The Tristan Da Cunha Connection

by Rob Wills on 23 September 2025.

Dr Thomas Henry Braim was vicar of St Michael’s Church here in Ilsington (my home village) from 1875 to 1879. He had graduated from St John’s, Cambridge in 1835 and accepted a post in, what was then, Van Deiman’s Land – subsequently Tasmania. On his way out the ship called at Tristan da Cunha to get fresh supplies of “pigs, poultry, eggs, vegetables and milk”. Dr Braim went ashore with the Captain and some of the crew and were met by Governor Glass and his wife and where he met the school master who also acted as Chaplain who gratefully accepted fresh sermons from the young graduate! Whilst there, the ship came adrift and nearly smashed on the rocks – getting so close that “you could have thrown a biscuit onto land!” 

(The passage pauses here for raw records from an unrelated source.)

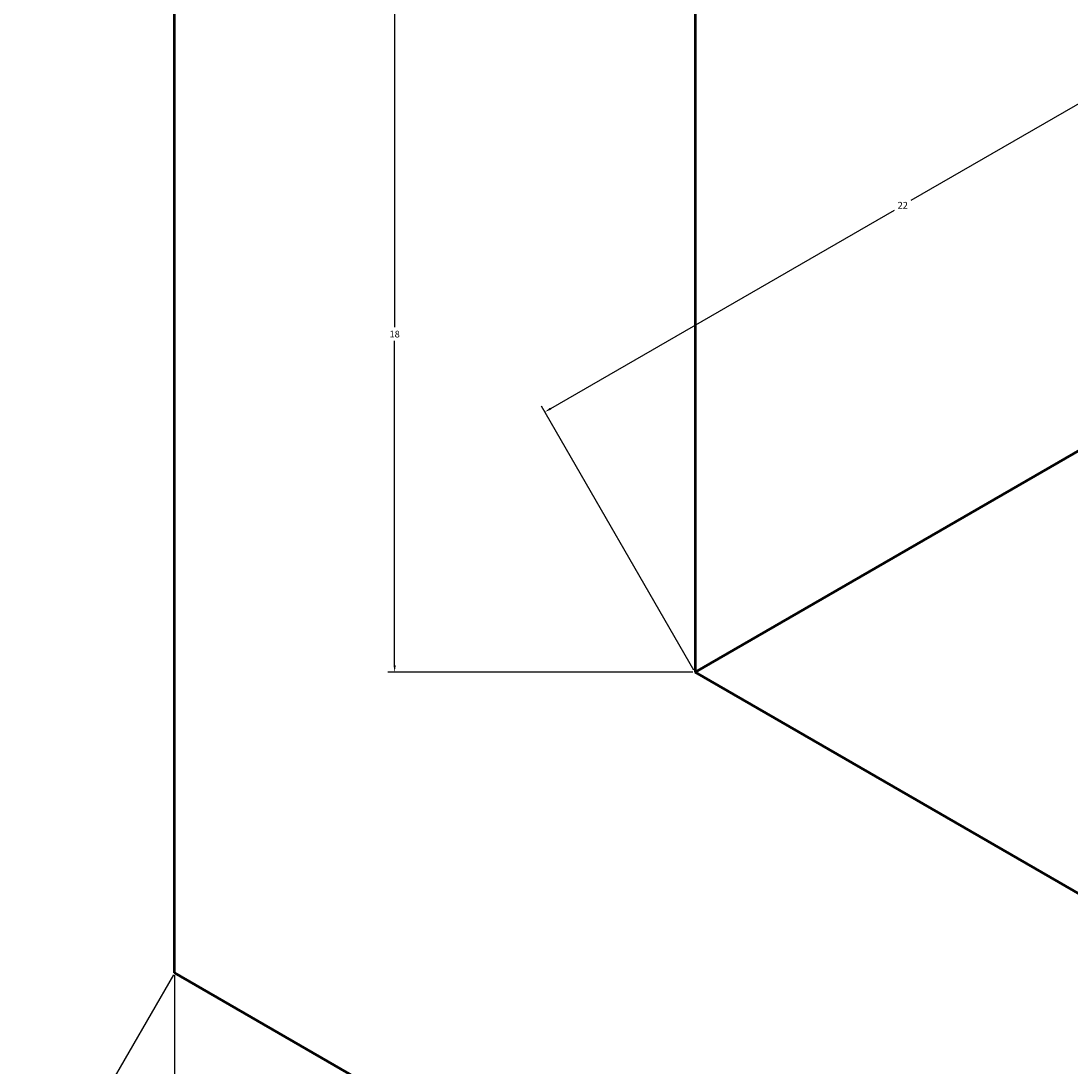
# Model space of a CAD drawing. Units: millimetres. Extents: x 2919 to 3075, y 2801 to 2951.
# Tile 2 of 14: x 2924 to 2952, y 2854 to 2882. Entities that reach past the tile are written whole.
import ezdxf

# ---------------------------------------------------------------- set-up
doc = ezdxf.new("R2010")
doc.units = ezdxf.units.MM
doc.layers.add('M-DIMS', color=2, linetype='Continuous', lineweight=18)
doc.layers.add('M-OUTL', color=7, linetype='Continuous', lineweight=50)
doc.styles.get("Standard").update_dxf_attribs({"font": 'arial.ttf'})
doc.dimstyles.get("Standard").update_dxf_attribs({"dimtxt": 0.18, "dimasz": 0.18, "dimexe": 0.18, "dimexo": 0.0625, "dimgap": 0.09, "dimtad": 0, "dimtih": 1, "dimtoh": 1, "dimdec": 4, "dimzin": 0, "dimdsep": 46, "dimtxsty": 'Standard', "dimcen": 0.09, "dimadec": 0, "dimazin": 0, "dimtfac": 1, "dimtdec": 4, "dimtofl": 0, "dimtmove": 0, "dimatfit": 3, "dimfxl": 1, "dimtolj": 1, "dimtzin": 0, "dimarcsym": 0})

# ---------------------------------------------------------------- blocks, each defined once
blk = doc.blocks.new('*D2')
at = {"layer": 'Defpoints', "color": 0, "transparency": 16777216}
for p in [(2927.773, 2856.893), (3066.337, 2840.893), (3066.337, 2800.893)]:
    blk.add_point(p, dxfattribs=at)
at = {"layer": 'M-DIMS', "color": 0, "lineweight": -2, "transparency": 16777216}
for p, q in [((2927.773, 2856.831), (2927.773, 2800.713)), ((3066.337, 2840.831), (3066.337, 2800.713)), ((2927.953, 2800.893), (2996.6, 2800.893)), ((3066.157, 2800.893), (2997.51, 2800.893))]:
    blk.add_line(p, q, dxfattribs=at)
at = {"layer": 'M-DIMS', "color": 0, "transparency": 16777216}
for points in [[(2927.953, 2800.923), (2927.953, 2800.863), (2927.773, 2800.893)], [(3066.157, 2800.923), (3066.157, 2800.863), (3066.337, 2800.893)]]:
    blk.add_solid(points, dxfattribs=at)
at = {"layer": 'M-DIMS', "color": 0, "transparency": 16777216, "insert": (2997.055, 2800.893), "char_height": 0.18, "attachment_point": 5}
blk.add_mtext('\\A1;138.56', dxfattribs=at)
blk = doc.blocks.new('*D3')
at = {"layer": 'Defpoints', "color": 0, "transparency": 16777216}
for p in [(2927.773, 2856.893), (2923.773, 2849.965), (3010.912, 2808.893)]:
    blk.add_point(p, dxfattribs=at)
at = {"layer": 'M-DIMS', "color": 0, "lineweight": -2, "transparency": 16777216}
for p, q in [((2927.742, 2856.839), (2923.683, 2849.809)), ((2923.929, 2849.875), (2965.124, 2826.091)), ((3006.756, 2802.055), (2965.561, 2825.839)), ((3010.88, 2808.839), (3006.822, 2801.809))]:
    blk.add_line(p, q, dxfattribs=at)
at = {"layer": 'M-DIMS', "color": 0, "transparency": 16777216}
for points in [[(2923.944, 2849.901), (2923.914, 2849.849), (2923.773, 2849.965)], [(3006.771, 2802.081), (3006.741, 2802.029), (3006.912, 2801.965)]]:
    blk.add_solid(points, dxfattribs=at)
at = {"layer": 'M-DIMS', "color": 0, "transparency": 16777216, "insert": (2965.342, 2825.965), "char_height": 0.18, "attachment_point": 5}
blk.add_mtext('\\A1;96', dxfattribs=at)
blk = doc.blocks.new('*D10')
at = {"layer": 'Defpoints', "color": 0, "transparency": 16777216}
for p in [(2956.682, 2882.821), (2960.682, 2875.893), (2941.63, 2864.893)]:
    blk.add_point(p, dxfattribs=at)
at = {"layer": 'M-DIMS', "color": 0, "lineweight": -2, "transparency": 16777216}
for p, q in [((2956.526, 2882.731), (2947.375, 2877.448)), ((2960.651, 2875.947), (2956.592, 2882.977)), ((2937.785, 2871.911), (2946.936, 2877.195)), ((2941.598, 2864.947), (2937.54, 2871.977))]:
    blk.add_line(p, q, dxfattribs=at)
at = {"layer": 'M-DIMS', "color": 0, "transparency": 16777216}
for points in [[(2956.511, 2882.757), (2956.541, 2882.705), (2956.682, 2882.821)], [(2937.77, 2871.937), (2937.8, 2871.885), (2937.63, 2871.821)]]:
    blk.add_solid(points, dxfattribs=at)
at = {"layer": 'M-DIMS', "color": 0, "transparency": 16777216, "insert": (2947.156, 2877.321), "char_height": 0.18, "attachment_point": 5}
blk.add_mtext('\\A1;22', dxfattribs=at)
blk = doc.blocks.new('*D15')
at = {"layer": 'Defpoints', "color": 0, "transparency": 16777216}
for p in [(2933.63, 2882.893), (2941.63, 2882.893), (2941.63, 2864.893)]:
    blk.add_point(p, dxfattribs=at)
at = {"layer": 'M-DIMS', "color": 0, "lineweight": -2, "transparency": 16777216}
for p, q in [((2941.567, 2882.893), (2933.45, 2882.893)), ((2933.63, 2882.713), (2933.63, 2874.075)), ((2933.63, 2865.073), (2933.63, 2873.711)), ((2941.567, 2864.893), (2933.45, 2864.893))]:
    blk.add_line(p, q, dxfattribs=at)
at = {"layer": 'M-DIMS', "color": 0, "transparency": 16777216}
for points in [[(2933.6, 2882.713), (2933.66, 2882.713), (2933.63, 2882.893)], [(2933.6, 2865.073), (2933.66, 2865.073), (2933.63, 2864.893)]]:
    blk.add_solid(points, dxfattribs=at)
at = {"layer": 'M-DIMS', "color": 0, "transparency": 16777216, "insert": (2933.63, 2873.893), "char_height": 0.18, "attachment_point": 5}
blk.add_mtext('\\A1;18', dxfattribs=at)

msp = doc.modelspace()

# ---------------------------------------------------------------- linework, layer by layer
at = {"layer": 'M-OUTL'}
for p, q in [((2927.7732, 2856.8932), (2927.7732, 2890.8932)), ((2941.6296, 2882.8932), (2941.6296, 2864.8932)), ((2941.6296, 2864.8932), (2960.6821, 2875.8932)), ((2941.6296, 2864.8932), (2960.6821, 2875.8932)), ((2941.6296, 2864.8932), (2960.6821, 2875.8932)), ((3010.9116, 2824.8932), (2941.6296, 2864.8932)), ((2927.7732, 2856.8932), (3010.9116, 2808.8932))]:
    msp.add_line(p, q, dxfattribs=at)

# ---------------------------------------------------------------- dimensions: what is measured, and where the dimension line sits
at = {"layer": 'M-DIMS'}
for base, p1, p2, angle, picture, middle in [((2933.6296, 2882.8932), (2941.6296, 2864.8932), (2941.6296, 2882.8932), 90, '*D15', (2933.6296, 2873.8932)), ((2956.6821, 2882.8214), (2941.6296, 2864.8932), (2960.6821, 2875.8932), 30, '*D10', (2947.1559, 2877.3214)), ((2923.7732, 2849.965), (3010.9116, 2808.8932), (2927.7732, 2856.8932), 150, '*D3', (2965.3424, 2825.965))]:
    dim = msp.add_linear_dim(base=base, p1=p1, p2=p2, angle=angle, dimstyle='Standard', override={"dimdec": 0, "dimlfac": 1, "dimrnd": 0, "dimzin": 0, "dimdsep": 46, "dimlunit": 2}, dxfattribs=at)
    dim.commit()
    dim.dimension.update_dxf_attribs({"geometry": picture, "text_midpoint": middle})
dim = msp.add_linear_dim(base=(3066.3372, 2800.8932), p1=(2927.7732, 2856.8932), p2=(3066.3372, 2840.8932), dimstyle='Standard', override={"dimdec": 2, "dimlfac": 1, "dimrnd": 0, "dimzin": 0, "dimdsep": 46, "dimlunit": 2}, dxfattribs=at)
dim.commit()
dim.dimension.update_dxf_attribs({"geometry": '*D2', "text_midpoint": (2997.0552, 2800.8932)})

doc.saveas('drawing.dxf')

Twelve years later, by coincidence, Dr Braim was in Sydney and invited to a dinner to celebrate the arrival of a yacht on a cruise from England. In conversation he discovered that they, too, had stopped off at Tristan da Cunha and this happened to be the day that Governor Glass’ wife had given birth to a daughter. In the celebrations that followed that included a thanksgiving service, a very well-thumbed book of sermons appeared – those written by the young Cambridge graduate and gifted years before! 

Dr Braim and his growing family spent over 30 years “in the colonies of Australia”, where he built a church and school in Port Fairy, Victoria.  

The next coincidence is that UK Sire Services exported semen from Angus, Hereford, Red Poll (progeny of which is pictured in the Blog listing) and Welsh Black bulls to the island in 2016 and we will be working with them again soon I hope. The Angus bull, Gear Blue Moon was bred by good friend Mark Pilcher of Zennor in Cornwall. Mark is a son of the famous author Rosamunde Pilcher. 

Dr Braim is my great, great grandfather.